I would like to differentiate all parameters belonging to a model using Zygote without having them as explicit inputs to the function I’m differentiating. A MWE taken more or less directly from Flux’s documentation is this:
using Zygote
struct Affine
W
b
end
Affine(in::Int, out::Int) = Affine(randn(out, in), randn(out))
(a::Affine)(x) = a.W*x .+ a.b
# Simple model
m = Affine(3, 2)
m(randn(3))
g = Zygote.gradient(()->sum(m(randn(3))), Zygote.Params([m.W, m.b]))
g[m.W], g[m.b]
which outputs
([-1.12455 -0.111599 -1.06465; -1.12455 -0.111599 -1.06465], [1.0, 1.0])
So this works fine for our simple model. Now say I want to differentiate this function using Zygote like this:
using Zygote
struct Affine
W
b
end
Affine(in::Int, out::Int) = Affine(randn(out, in), randn(out))
(a::Affine)(x) = a.W*x .+ a.b
# Chained model
layers = [Affine(3, 2), Affine(2, 1)]
model(x) = foldl((xx,m)->m(xx), layers, init=x)
g = Zygote.gradient(()->sum(model(randn(3))), Zygote.Params([layers[1].W, layers[1].b]))

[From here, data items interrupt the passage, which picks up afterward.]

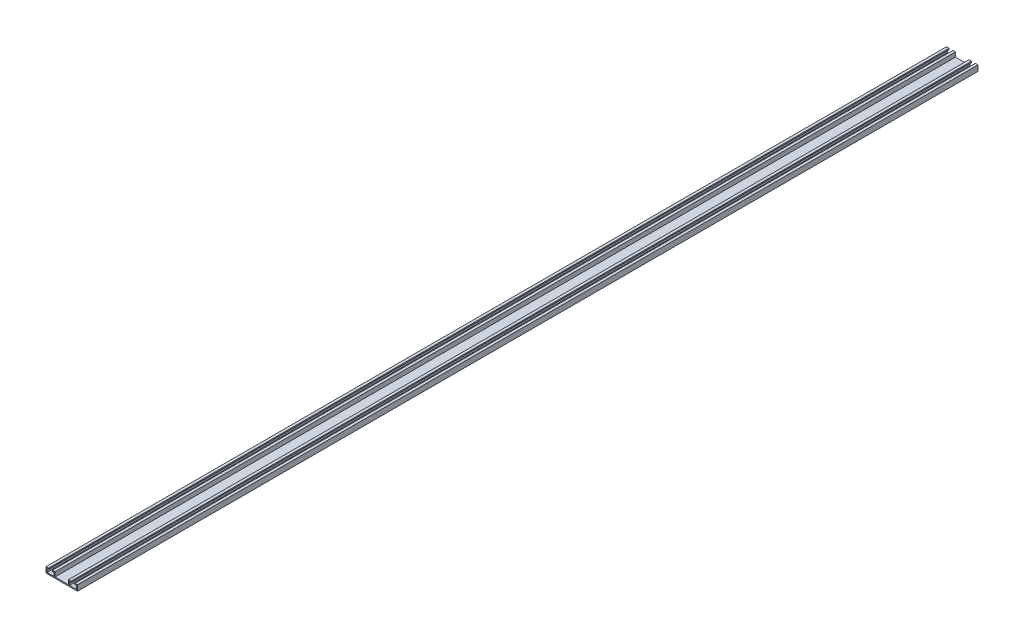
SolidWorks part; units mm, degrees
ref_plane "前视基准面" through (0, 0, 0) normal (0, 0, 1) x (1, 0, 0)
ref_plane "上视基准面" through (0, 0, 0) normal (0, 1, 0) x (1, 0, 0)
ref_plane "右视基准面" through (0, 0, 0) normal (1, 0, 0) x (0, 0, -1)
sketch "草图1" plane through (0, 0, 0) normal (0, 0, 1) x (1, 0, 0)
  line L0 (0, 0) -> (8, 0)
  line L1 (8, 0) -> (8, 5)
  line L2 (8, 5) -> (5.65, 5)
  line L3 (0, 0) -> (0, 5)
  line L4 (0, 5) -> (2.35, 5)
  line L5 (4, 0) -> (4, 6.7213) construction
  dimension "D1" = 3.3
  dimension "D2" = 8
  dimension "D3" = 5
extrude "拉伸-薄壁1" add sketch "草图1" along normal blind 800 thin thin type one direction wall 1
sketch "草图2" plane through (0, 0, 800) normal (0, 0, 1) x (1, 0, 0)
  line L0 (0, 0) -> (-6, 0)
  line L1 (8, 5) -> (8, 0) construction
  dimension "D1" = 14
extrude "拉伸-薄壁2" add sketch "草图2" against normal up to surface (800 mm away) thin
mirror "镜向1" about plane through (-6, 0, -6.0828) normal (1, 0, 0) of bodies 107
sketch "草图5" plane through (0, 1, 0) normal (0, 1, 0) x (1, 0, 0)
  line L0 (-19, 0) -> (-13, 0) construction
  line L1 (-20, -800) -> (-20, 0) construction
  line L2 (0, -400) -> (-66.3884, -400) construction
  line L3 (0, 0) -> (0, -800) construction
  point P0 (-16, -10)
  point P14 (-16, -790)
  dimension "D1" = 10
  dimension "D2" = 4
hole_wizard "M3 间隙孔1" positions "草图5" profile "草图4" hole size "M3" standard "GB"
sketch "草图4" plane through (-16, 1, 10) normal (1, 0, 0) x (0, 0, 1)
  line L0 (0, 0) -> (0, 1)
  line L1 (0, 1) -> (1.7, 1)
  line L2 (1.7, 1) -> (1.7, 0)
  line L5 (1.7, 0) -> (0, 0)
  line L11 (0, -6.35) -> (0, 107.95) construction
  dimension "通孔孔直径" = 3.4
  dimension "通孔孔深度" = 1
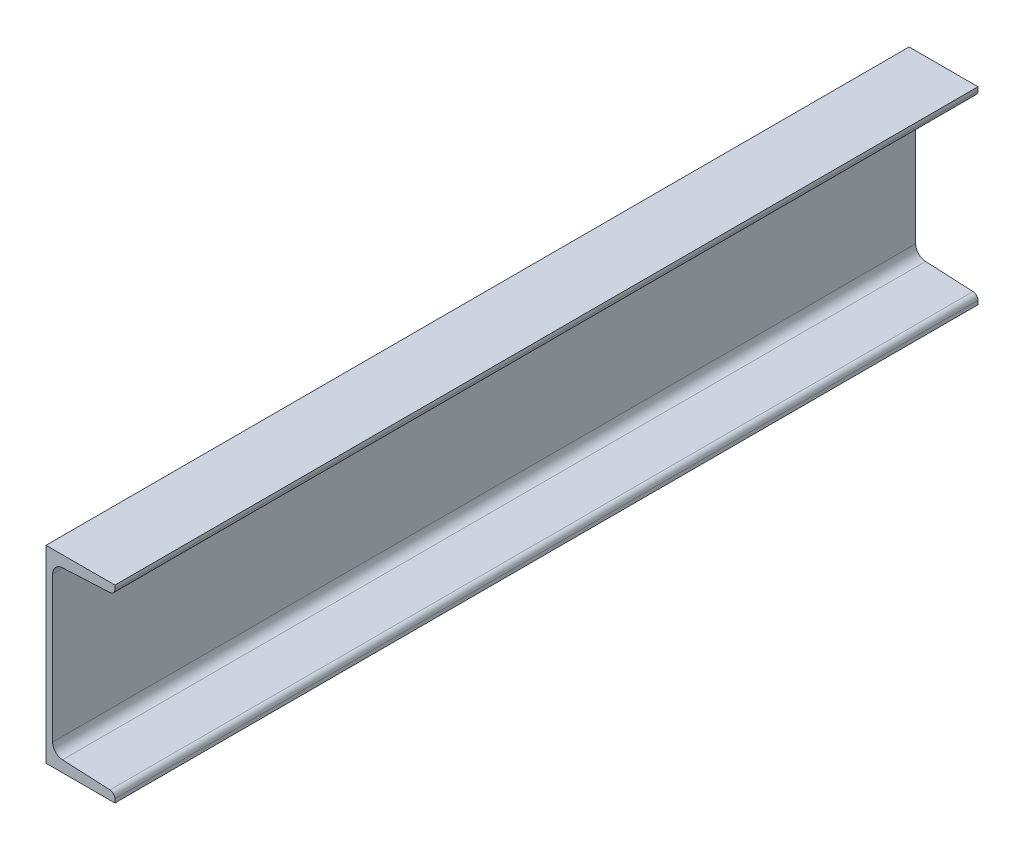
from build123d import *

# Parameters (mm, degrees)
BOSS_EXTRUDE1_DEPTH = 457.2


with BuildPart() as part:
    # Sketch1 → Boss-Extrude1 (new, symmetric)
    with BuildSketch(Plane(origin=(28.211262136, 0, 0), x_dir=(-1, 0, 0), z_dir=(0, 0, 1))):
        with BuildLine():
            Line((28.211262136, 0), (28.211262136, -200))
            Line((28.211262136, -200), (-44.788737864, -200))
            Line((-44.788737864, -200), (-44.788737864, -196.033179359))
            ThreePointArc((-44.788737864, -196.033179359), (-43.272315441, -192.240936001), (-39.559243433, -190.539835501))
            Line((-39.559243433, -190.539835501), (10.752273273, -188.062374452))
            ThreePointArc((10.752273273, -188.062374452), (18.17841729, -184.660173452), (21.211262136, -177.075686736))
            Line((21.211262136, -177.075686736), (21.211262136, -22.924313264))
            ThreePointArc((21.211262136, -22.924313264), (18.17841729, -15.339826548), (10.752273273, -11.937625548))
            Line((10.752273273, -11.937625548), (-39.559243433, -9.460164499))
            ThreePointArc((-39.559243433, -9.460164499), (-43.272315441, -7.759063999), (-44.788737864, -3.966820641))
            Line((-44.788737864, -3.966820641), (-44.788737864, 0))
            Line((-44.788737864, 0), (28.211262136, 0))
        make_face()
    extrude(amount=BOSS_EXTRUDE1_DEPTH, both=True)


solid = part.part

Where the model is slightly more complex. Is there a good way from only having access to the model(x) function to extract the parameters? Or would I have to create a Model struct carrying both the layers definition and the model(x) function?
Further the last gradient try in the complex model fails with a long error like this.
ERROR: MethodError: no method matching zero(::Type{Affine})
Closest candidates are:
zero(::Type{LibGit2.GitHash}) at /buildworker/worker/package_linux64/build/usr/share/julia/stdlib/v1.0/LibGit2/src/oid.jl:220
zero(::Type{Pkg.Resolve.VersionWeights.VersionWeight}) at /buildworker/worker/package_linux64/build/usr/share/julia/stdlib/v1.0/Pkg/src/resolve/VersionWeights.jl:19
zero(::Type{Pkg.Resolve.MaxSum.FieldValues.FieldValue}) at /buildworker/worker/package_linux64/build/usr/share/julia/stdlib/v1.0/Pkg/src/resolve/FieldValues.jl:44
…
Stacktrace:
Not including the stacktrace. I fail to see why this latter approach is different than the first since I’m referencing my parameters through the layers. Should be equivalent right? I’m missing something.